Rettic’s Log: Incendia Astrum
A chorus of sirens drummed through the corridors of the space station, interrupted by the occasional thunder of another missile breach on its exterior. Rettic sat in a room overlooking one of PAX Incendia Astrum’s many hangars, watching through a fogged green plate window as ships departed by the dozens. The room itself, however, was muffled to near silence.
“You ‘ought to be getting out of here, you know,” spoke the rusty voice of an old Udorian man hunched behind a counter on the other side of the room. Rettic turned to look at the walls of the old consignment shop adorned in planetside relics—old ship scraps, hand-drawn maps charting years-past anomalies of the D-GTMI system, cracked wooden slabs and rock mineral souvenirs of failed planet terraforming attempts—all the keepings of a retired ‘dust merc’.
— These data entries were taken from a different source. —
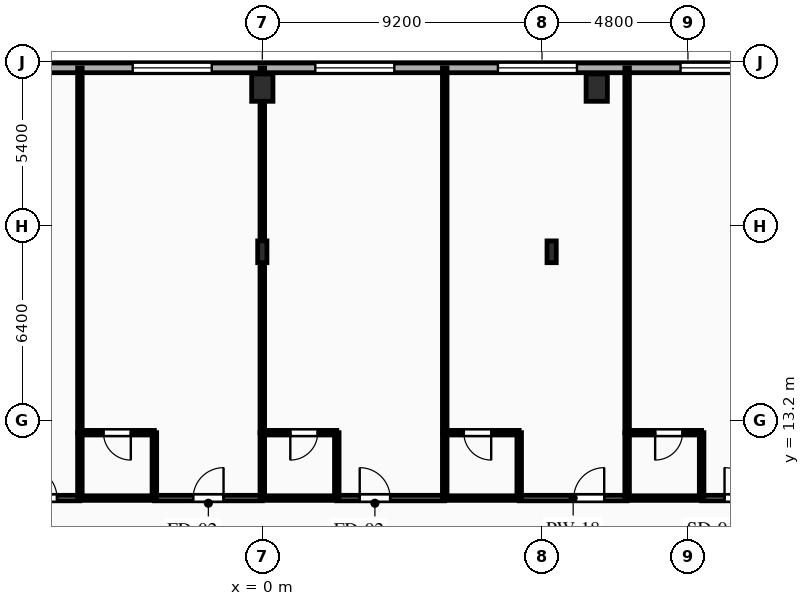
"""IFC4 building model, lengths in metres.
Left out: names, types, materials, properties, quantities, classifications, styles, units other than length and angle.
Written with IfcOpenShell. Run it as: python <this file> out.ifc"""

import sys

from ifc_helpers import new_model, si_unit, direction, frame, frame_2d, origin, origin_2d, place, context, subcontext, project, spatial, rectangle, i_section, extrude, element, fill, save


model = new_model("IFC4")
c1 = context("Model", 3, precision=1e-05, world=origin(), true_north=direction((0.0, 1.0)))
c2 = subcontext(c1, "Body", "Model", "MODEL_VIEW")
j1 = project(units=[si_unit("LENGTHUNIT", "METRE"), si_unit("PLANEANGLEUNIT", "RADIAN")], contexts=[c1])
p1 = place(None, origin())
s1 = spatial("IfcSite", under=j1, at=p1, CompositionType="ELEMENT")
p2 = place(p1, origin())
s2 = spatial("IfcBuilding", under=s1, at=p2, CompositionType="ELEMENT")
p3 = place(p2, frame((0.0, 0.0, 22.5)))
s3 = spatial("IfcBuildingStorey", under=s2, at=p3, CompositionType="ELEMENT", Elevation=22.5)
for number, where, z_axis, x_axis in (
    (1, (0.0, 24.15, 0.0), (0.0, 0.0, 1.0), (1.0, 0.0, 0.0)),
    (2, (11.0, 24.15, 0.0), (0.0, 0.0, 1.0), (1.0, 0.0, 0.0)),
):
    element("IfcColumn", number, at=place(p3, frame(where, z_axis=z_axis, x_axis=x_axis)), inside=s3, PredefinedType="COLUMN", context=c2, shape_type="SweptSolid", body=[
        extrude(rectangle(XDim=0.7, YDim=0.9, at=origin_2d()), origin(), (0.0, 0.0, 1.0), 4.5),
    ])
for number, where, z_axis, x_axis in (
    (3, (9.517, 18.75, 0.0), (0.0, 0.0, 1.0), (1.0, 0.0, 0.0)),
    (4, (0.0, 18.75, 0.0), (0.0, 0.0, 1.0), (1.0, 0.0, 0.0)),
):
    element("IfcColumn", number, at=place(p3, frame(where, z_axis=z_axis, x_axis=x_axis)), inside=s3, PredefinedType="COLUMN", context=c2, shape_type="SweptSolid", body=[
        extrude(i_section(OverallWidth=0.304, OverallDepth=0.716, WebThickness=0.021, FlangeThickness=0.04, FilletRadius=0.027, at=origin_2d()), origin(), (0.0, 0.0, 1.0), 4.5),
    ])
p4 = place(p3, frame((-36.8, 24.8, 0.0), z_axis=(0.0, 0.0, 1.0), x_axis=(1.0, 0.0, 0.0)))
e5 = element("IfcWall", 5, at=p4, inside=s3, PredefinedType="SOLIDWALL", context=c2, shape_type="SweptSolid", body=[
    extrude(rectangle(XDim=73.6, YDim=0.32, at=frame_2d((36.8, 0.0))), origin(), (0.0, 0.0, 1.0), 4.16),
])
p5 = place(p4, frame((1.079, 0.0, 0.85)))
e6 = element("IfcOpeningElement", 6, at=p5, cuts=e5, PredefinedType="OPENING", context=c2, shape_type="SweptSolid", body=[
    extrude(rectangle(XDim=2.3, YDim=2.4, at=frame_2d((1.15, 1.2))), frame((0.0, 0.17, 0.0), z_axis=(0.0, -1.0, 0.0), x_axis=(1.0, 0.0, 0.0)), (0.0, 0.0, 1.0), 0.34),
])
p6 = place(p4, frame((8.431, 0.0, 0.85)))
e7 = element("IfcOpeningElement", 7, at=p6, cuts=e5, PredefinedType="OPENING", context=c2, shape_type="SweptSolid", body=[
    extrude(rectangle(XDim=2.6, YDim=2.4, at=frame_2d((1.3, 1.2))), frame((0.0, 0.17, 0.0), z_axis=(0.0, -1.0, 0.0), x_axis=(1.0, 0.0, 0.0)), (0.0, 0.0, 1.0), 0.34),
])
p7 = place(p4, frame((13.316, 0.0, 0.85)))
e8 = element("IfcOpeningElement", 8, at=p7, cuts=e5, PredefinedType="OPENING", context=c2, shape_type="SweptSolid", body=[
    extrude(rectangle(XDim=1.1, YDim=1.85, at=frame_2d((0.55, 0.925))), frame((0.0, 0.17, 0.0), z_axis=(0.0, -1.0, 0.0), x_axis=(1.0, 0.0, 0.0)), (0.0, 0.0, 1.0), 0.34),
])
p8 = place(p4, frame((16.339, 0.0, 0.85)))
e9 = element("IfcOpeningElement", 9, at=p8, cuts=e5, PredefinedType="OPENING", context=c2, shape_type="SweptSolid", body=[
    extrude(rectangle(XDim=2.0, YDim=2.4, at=frame_2d((1.0, 1.2))), frame((0.0, 0.17, 0.0), z_axis=(0.0, -1.0, 0.0), x_axis=(1.0, 0.0, 0.0)), (0.0, 0.0, 1.0), 0.34),
])
p9 = place(p4, frame((21.875, 0.0, 0.85)))
e10 = element("IfcOpeningElement", 10, at=p9, cuts=e5, PredefinedType="OPENING", context=c2, shape_type="SweptSolid", body=[
    extrude(rectangle(XDim=2.3, YDim=2.4, at=frame_2d((1.15, 1.2))), frame((0.0, 0.17, 0.0), z_axis=(0.0, -1.0, 0.0), x_axis=(1.0, 0.0, 0.0)), (0.0, 0.0, 1.0), 0.34),
])
p10 = place(p4, frame((26.53, 0.0, 0.85)))
e11 = element("IfcOpeningElement", 11, at=p10, cuts=e5, PredefinedType="OPENING", context=c2, shape_type="SweptSolid", body=[
    extrude(rectangle(XDim=2.6, YDim=2.4, at=frame_2d((1.3, 1.2))), frame((0.0, 0.17, 0.0), z_axis=(0.0, -1.0, 0.0), x_axis=(1.0, 0.0, 0.0)), (0.0, 0.0, 1.0), 0.34),
])
p11 = place(p4, frame((32.537, 0.0, 0.85)))
e12 = element("IfcOpeningElement", 12, at=p11, cuts=e5, PredefinedType="OPENING", context=c2, shape_type="SweptSolid", body=[
    extrude(rectangle(XDim=2.6, YDim=2.4, at=frame_2d((1.3, 1.2))), frame((0.0, 0.17, 0.0), z_axis=(0.0, -1.0, 0.0), x_axis=(1.0, 0.0, 0.0)), (0.0, 0.0, 1.0), 0.34),
])
p12 = place(p4, frame((38.543, 0.0, 0.85)))
e13 = element("IfcOpeningElement", 13, at=p12, cuts=e5, PredefinedType="OPENING", context=c2, shape_type="SweptSolid", body=[
    extrude(rectangle(XDim=2.6, YDim=2.4, at=frame_2d((1.3, 1.2))), frame((0.0, 0.17, 0.0), z_axis=(0.0, -1.0, 0.0), x_axis=(1.0, 0.0, 0.0)), (0.0, 0.0, 1.0), 0.34),
])
p13 = place(p4, frame((44.55, 0.0, 0.85)))
e14 = element("IfcOpeningElement", 14, at=p13, cuts=e5, PredefinedType="OPENING", context=c2, shape_type="SweptSolid", body=[
    extrude(rectangle(XDim=2.6, YDim=2.4, at=frame_2d((1.3, 1.2))), frame((0.0, 0.17, 0.0), z_axis=(0.0, -1.0, 0.0), x_axis=(1.0, 0.0, 0.0)), (0.0, 0.0, 1.0), 0.34),
])
p14 = place(p4, frame((50.556, 0.0, 0.85)))
e15 = element("IfcOpeningElement", 15, at=p14, cuts=e5, PredefinedType="OPENING", context=c2, shape_type="SweptSolid", body=[
    extrude(rectangle(XDim=2.6, YDim=2.4, at=frame_2d((1.3, 1.2))), frame((0.0, 0.17, 0.0), z_axis=(0.0, -1.0, 0.0), x_axis=(1.0, 0.0, 0.0)), (0.0, 0.0, 1.0), 0.34),
])
p15 = place(p4, frame((55.341, 0.0, 0.85)))
e16 = element("IfcOpeningElement", 16, at=p15, cuts=e5, PredefinedType="OPENING", context=c2, shape_type="SweptSolid", body=[
    extrude(rectangle(XDim=2.0, YDim=2.4, at=frame_2d((1.0, 1.2))), frame((0.0, 0.17, 0.0), z_axis=(0.0, -1.0, 0.0), x_axis=(1.0, 0.0, 0.0)), (0.0, 0.0, 1.0), 0.34),
])
p16 = place(p4, frame((59.16, 0.0, 0.85)))
e17 = element("IfcOpeningElement", 17, at=p16, cuts=e5, PredefinedType="OPENING", context=c2, shape_type="SweptSolid", body=[
    extrude(rectangle(XDim=1.1, YDim=1.85, at=frame_2d((0.55, 0.925))), frame((0.0, 0.17, 0.0), z_axis=(0.0, -1.0, 0.0), x_axis=(1.0, 0.0, 0.0)), (0.0, 0.0, 1.0), 0.34),
])
p17 = place(p4, frame((62.649, 0.0, 0.85)))
e18 = element("IfcOpeningElement", 18, at=p17, cuts=e5, PredefinedType="OPENING", context=c2, shape_type="SweptSolid", body=[
    extrude(rectangle(XDim=2.6, YDim=2.4, at=frame_2d((1.3, 1.2))), frame((0.0, 0.17, 0.0), z_axis=(0.0, -1.0, 0.0), x_axis=(1.0, 0.0, 0.0)), (0.0, 0.0, 1.0), 0.34),
])
p18 = place(p4, frame((70.301, 0.0, 0.85)))
e19 = element("IfcOpeningElement", 19, at=p18, cuts=e5, PredefinedType="OPENING", context=c2, shape_type="SweptSolid", body=[
    extrude(rectangle(XDim=2.3, YDim=2.4, at=frame_2d((1.15, 1.2))), frame((0.0, 0.17, 0.0), z_axis=(0.0, -1.0, 0.0), x_axis=(1.0, 0.0, 0.0)), (0.0, 0.0, 1.0), 0.34),
])
p19 = place(p3, frame((-9.55, 10.65, 0.0), z_axis=(0.0, 0.0, 1.0), x_axis=(1.0, 0.0, 0.0)))
e20 = element("IfcWall", 20, at=p19, inside=s3, PredefinedType="PARTITIONING", context=c2, shape_type="SweptSolid", body=[
    extrude(rectangle(XDim=3.55, YDim=0.18, at=frame_2d((1.775, 0.0))), origin(), (0.0, 0.0, 1.0), 4.16),
])
p20 = place(p19, frame((1.796, 0.0, 0.0)))
e21 = element("IfcOpeningElement", 21, at=p20, cuts=e20, PredefinedType="OPENING", context=c2, shape_type="SweptSolid", body=[
    extrude(rectangle(XDim=1.0, YDim=2.15, at=frame_2d((0.5, 1.075))), frame((0.0, 0.1, 0.0), z_axis=(0.0, -1.0, 0.0), x_axis=(1.0, 0.0, 0.0)), (0.0, 0.0, 1.0), 0.2),
])
p21 = place(p3, frame((-3.55, 10.65, 0.0), z_axis=(0.0, 0.0, 1.0), x_axis=(1.0, 0.0, 0.0)))
e22 = element("IfcWall", 22, at=p21, inside=s3, PredefinedType="PARTITIONING", context=c2, shape_type="SweptSolid", body=[
    extrude(rectangle(XDim=3.55, YDim=0.18, at=frame_2d((1.775, 0.0))), origin(), (0.0, 0.0, 1.0), 4.16),
])
p22 = place(p21, frame((1.275, 0.0, 0.0)))
e23 = element("IfcOpeningElement", 23, at=p22, cuts=e22, PredefinedType="OPENING", context=c2, shape_type="SweptSolid", body=[
    extrude(rectangle(XDim=1.0, YDim=2.15, at=frame_2d((0.5, 1.075))), frame((0.0, 0.1, 0.0), z_axis=(0.0, -1.0, 0.0), x_axis=(1.0, 0.0, 0.0)), (0.0, 0.0, 1.0), 0.2),
])
p23 = place(p3, frame((-6.0, 10.65, 0.0), z_axis=(0.0, 0.0, 1.0), x_axis=(1.0, 0.0, 0.0)))
e24 = element("IfcWall", 24, at=p23, inside=s3, PredefinedType="PLUMBINGWALL", context=c2, shape_type="SweptSolid", body=[
    extrude(rectangle(XDim=2.45, YDim=0.15, at=frame_2d((1.225, 0.0))), origin(), (0.0, 0.0, 1.0), 4.16),
])
p24 = place(p3, frame((2.45, 10.65, 0.0), z_axis=(0.0, 0.0, 1.0), x_axis=(1.0, 0.0, 0.0)))
e25 = element("IfcWall", 25, at=p24, inside=s3, PredefinedType="PARTITIONING", context=c2, shape_type="SweptSolid", body=[
    extrude(rectangle(XDim=3.55, YDim=0.18, at=frame_2d((1.775, 0.0))), origin(), (0.0, 0.0, 1.0), 4.16),
])
p25 = place(p24, frame((0.754, 0.0, 0.0)))
e26 = element("IfcOpeningElement", 26, at=p25, cuts=e25, PredefinedType="OPENING", context=c2, shape_type="SweptSolid", body=[
    extrude(rectangle(XDim=1.0, YDim=2.15, at=frame_2d((0.5, 1.075))), frame((0.0, 0.1, 0.0), z_axis=(0.0, -1.0, 0.0), x_axis=(1.0, 0.0, 0.0)), (0.0, 0.0, 1.0), 0.2),
])
p26 = place(p3, frame((0.0, 10.65, 0.0), z_axis=(0.0, 0.0, 1.0), x_axis=(1.0, 0.0, 0.0)))
e27 = element("IfcWall", 27, at=p26, inside=s3, PredefinedType="PLUMBINGWALL", context=c2, shape_type="SweptSolid", body=[
    extrude(rectangle(XDim=2.45, YDim=0.15, at=frame_2d((1.225, 0.0))), origin(), (0.0, 0.0, 1.0), 4.16),
])
p27 = place(p3, frame((8.45, 10.65, 0.0), z_axis=(0.0, 0.0, 1.0), x_axis=(1.0, 0.0, 0.0)))
e28 = element("IfcWall", 28, at=p27, inside=s3, PredefinedType="PARTITIONING", context=c2, shape_type="SweptSolid", body=[
    extrude(rectangle(XDim=3.55, YDim=0.18, at=frame_2d((1.775, 0.0))), origin(), (0.0, 0.0, 1.0), 4.16),
])
p28 = place(p27, frame((1.796, 0.0, 0.0)))
e29 = element("IfcOpeningElement", 29, at=p28, cuts=e28, PredefinedType="OPENING", context=c2, shape_type="SweptSolid", body=[
    extrude(rectangle(XDim=1.0, YDim=2.15, at=frame_2d((0.5, 1.075))), frame((0.0, 0.1, 0.0), z_axis=(0.0, -1.0, 0.0), x_axis=(1.0, 0.0, 0.0)), (0.0, 0.0, 1.0), 0.2),
])
p29 = place(p3, frame((6.0, 10.65, 0.0), z_axis=(0.0, 0.0, 1.0), x_axis=(1.0, 0.0, 0.0)))
e30 = element("IfcWall", 30, at=p29, inside=s3, PredefinedType="PLUMBINGWALL", context=c2, shape_type="SweptSolid", body=[
    extrude(rectangle(XDim=2.45, YDim=0.15, at=frame_2d((1.225, 0.0))), origin(), (0.0, 0.0, 1.0), 4.16),
])
p30 = place(p3, frame((14.45, 10.65, 0.0), z_axis=(0.0, 0.0, 1.0), x_axis=(1.0, 0.0, 0.0)))
e31 = element("IfcWall", 31, at=p30, inside=s3, PredefinedType="PARTITIONING", context=c2, shape_type="SweptSolid", body=[
    extrude(rectangle(XDim=3.55, YDim=0.18, at=frame_2d((1.775, 0.0))), origin(), (0.0, 0.0, 1.0), 4.16),
])
p31 = place(p30, frame((0.754, 0.0, 0.0)))
e32 = element("IfcOpeningElement", 32, at=p31, cuts=e31, PredefinedType="OPENING", context=c2, shape_type="SweptSolid", body=[
    extrude(rectangle(XDim=1.0, YDim=2.15, at=frame_2d((0.5, 1.075))), frame((0.0, 0.1, 0.0), z_axis=(0.0, -1.0, 0.0), x_axis=(1.0, 0.0, 0.0)), (0.0, 0.0, 1.0), 0.2),
])
p32 = place(p3, frame((12.0, 10.65, 0.0), z_axis=(0.0, 0.0, 1.0), x_axis=(1.0, 0.0, 0.0)))
e33 = element("IfcWall", 33, at=p32, inside=s3, PredefinedType="PLUMBINGWALL", context=c2, shape_type="SweptSolid", body=[
    extrude(rectangle(XDim=2.45, YDim=0.15, at=frame_2d((1.225, 0.0))), origin(), (0.0, 0.0, 1.0), 4.16),
])
p33 = place(p3, frame((-6.0, 24.8, 0.0), z_axis=(0.0, 0.0, 1.0), x_axis=(0.0, -1.0, 0.0)))
e34 = element("IfcWall", 34, at=p33, inside=s3, PredefinedType="PARTITIONING", context=c2, shape_type="SweptSolid", body=[
    extrude(rectangle(XDim=12.0, YDim=0.15, at=frame_2d((6.0, 0.0))), origin(), (0.0, 0.0, 1.0), 4.16),
])
p34 = place(p3, frame((-6.0, 12.8, 0.0), z_axis=(0.0, 0.0, 1.0), x_axis=(0.0, -1.0, 0.0)))
e35 = element("IfcWall", 35, at=p34, inside=s3, PredefinedType="PLUMBINGWALL", context=c2, shape_type="SweptSolid", body=[
    extrude(rectangle(XDim=2.15, YDim=0.15, at=frame_2d((1.075, 0.0))), origin(), (0.0, 0.0, 1.0), 4.16),
])
p35 = place(p3, frame((-3.55, 12.8, 0.0), z_axis=(0.0, 0.0, 1.0), x_axis=(-1.0, 0.0, 0.0)))
e36 = element("IfcWall", 36, at=p35, inside=s3, PredefinedType="PLUMBINGWALL", context=c2, shape_type="SweptSolid", body=[
    extrude(rectangle(XDim=2.45, YDim=0.15, at=frame_2d((1.225, 0.0))), origin(), (0.0, 0.0, 1.0), 4.16),
])
p36 = place(p35, frame((0.775, 0.0, 0.0)))
e37 = element("IfcOpeningElement", 37, at=p36, cuts=e36, PredefinedType="OPENING", context=c2, shape_type="SweptSolid", body=[
    extrude(rectangle(XDim=0.9, YDim=2.1, at=frame_2d((0.45, 1.05))), frame((0.0, 0.085, 0.0), z_axis=(0.0, -1.0, 0.0), x_axis=(1.0, 0.0, 0.0)), (0.0, 0.0, 1.0), 0.17),
])
p37 = place(p3, frame((-3.55, 10.65, 0.0), z_axis=(0.0, 0.0, 1.0), x_axis=(0.0, 1.0, 0.0)))
e38 = element("IfcWall", 38, at=p37, inside=s3, PredefinedType="PLUMBINGWALL", context=c2, shape_type="SweptSolid", body=[
    extrude(rectangle(XDim=2.15, YDim=0.15, at=frame_2d((1.075, 0.0))), origin(), (0.0, 0.0, 1.0), 4.16),
])
p38 = place(p3, frame((0.0, 24.8, 0.0), z_axis=(0.0, 0.0, 1.0), x_axis=(0.0, -1.0, 0.0)))
e39 = element("IfcWall", 39, at=p38, inside=s3, PredefinedType="PARTITIONING", context=c2, shape_type="SweptSolid", body=[
    extrude(rectangle(XDim=12.0, YDim=0.15, at=frame_2d((6.0, 0.0))), origin(), (0.0, 0.0, 1.0), 3.545),
])
p39 = place(p3, frame((0.0, 12.8, 0.0), z_axis=(0.0, 0.0, 1.0), x_axis=(0.0, -1.0, 0.0)))
e40 = element("IfcWall", 40, at=p39, inside=s3, PredefinedType="PLUMBINGWALL", context=c2, shape_type="SweptSolid", body=[
    extrude(rectangle(XDim=2.15, YDim=0.15, at=frame_2d((1.075, 0.0))), origin(), (0.0, 0.0, 1.0), 4.16),
])
p40 = place(p3, frame((2.45, 12.8, 0.0), z_axis=(0.0, 0.0, 1.0), x_axis=(-1.0, 0.0, 0.0)))
e41 = element("IfcWall", 41, at=p40, inside=s3, PredefinedType="PLUMBINGWALL", context=c2, shape_type="SweptSolid", body=[
    extrude(rectangle(XDim=2.45, YDim=0.15, at=frame_2d((1.225, 0.0))), origin(), (0.0, 0.0, 1.0), 4.16),
])
p41 = place(p40, frame((0.629, 0.0, 0.0)))
e42 = element("IfcOpeningElement", 42, at=p41, cuts=e41, PredefinedType="OPENING", context=c2, shape_type="SweptSolid", body=[
    extrude(rectangle(XDim=0.9, YDim=2.1, at=frame_2d((0.45, 1.05))), frame((0.0, 0.085, 0.0), z_axis=(0.0, -1.0, 0.0), x_axis=(1.0, 0.0, 0.0)), (0.0, 0.0, 1.0), 0.17),
])
p42 = place(p3, frame((2.45, 10.65, 0.0), z_axis=(0.0, 0.0, 1.0), x_axis=(0.0, 1.0, 0.0)))
e43 = element("IfcWall", 43, at=p42, inside=s3, PredefinedType="PLUMBINGWALL", context=c2, shape_type="SweptSolid", body=[
    extrude(rectangle(XDim=2.15, YDim=0.15, at=frame_2d((1.075, 0.0))), origin(), (0.0, 0.0, 1.0), 4.16),
])
p43 = place(p3, frame((6.0, 24.8, 0.0), z_axis=(0.0, 0.0, 1.0), x_axis=(0.0, -1.0, 0.0)))
e44 = element("IfcWall", 44, at=p43, inside=s3, PredefinedType="PARTITIONING", context=c2, shape_type="SweptSolid", body=[
    extrude(rectangle(XDim=12.0, YDim=0.15, at=frame_2d((6.0, 0.0))), origin(), (0.0, 0.0, 1.0), 4.16),
])
p44 = place(p3, frame((6.0, 12.8, 0.0), z_axis=(0.0, 0.0, 1.0), x_axis=(0.0, -1.0, 0.0)))
e45 = element("IfcWall", 45, at=p44, inside=s3, PredefinedType="PLUMBINGWALL", context=c2, shape_type="SweptSolid", body=[
    extrude(rectangle(XDim=2.15, YDim=0.15, at=frame_2d((1.075, 0.0))), origin(), (0.0, 0.0, 1.0), 4.16),
])
p45 = place(p3, frame((8.45, 12.8, 0.0), z_axis=(0.0, 0.0, 1.0), x_axis=(-1.0, 0.0, 0.0)))
e46 = element("IfcWall", 46, at=p45, inside=s3, PredefinedType="PLUMBINGWALL", context=c2, shape_type="SweptSolid", body=[
    extrude(rectangle(XDim=2.45, YDim=0.15, at=frame_2d((1.225, 0.0))), origin(), (0.0, 0.0, 1.0), 4.16),
])
p46 = place(p45, frame((0.921, 0.0, 0.0)))
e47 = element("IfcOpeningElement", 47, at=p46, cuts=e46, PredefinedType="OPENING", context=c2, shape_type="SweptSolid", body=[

Rettic wiped the dirt film from a glass bottle, revealing the hull of a toy model Archon carefully preserved inside.
“Goddamn political mess,” said the old man, seemingly talking to himself now. “The ‘powers that be’ get another religious hard-on for expansion and decide to throw a few rocks at the hive in my back yard. And we get the surprise when here come the liberators, comin’ to free their slaves from from Amarrian oppression…”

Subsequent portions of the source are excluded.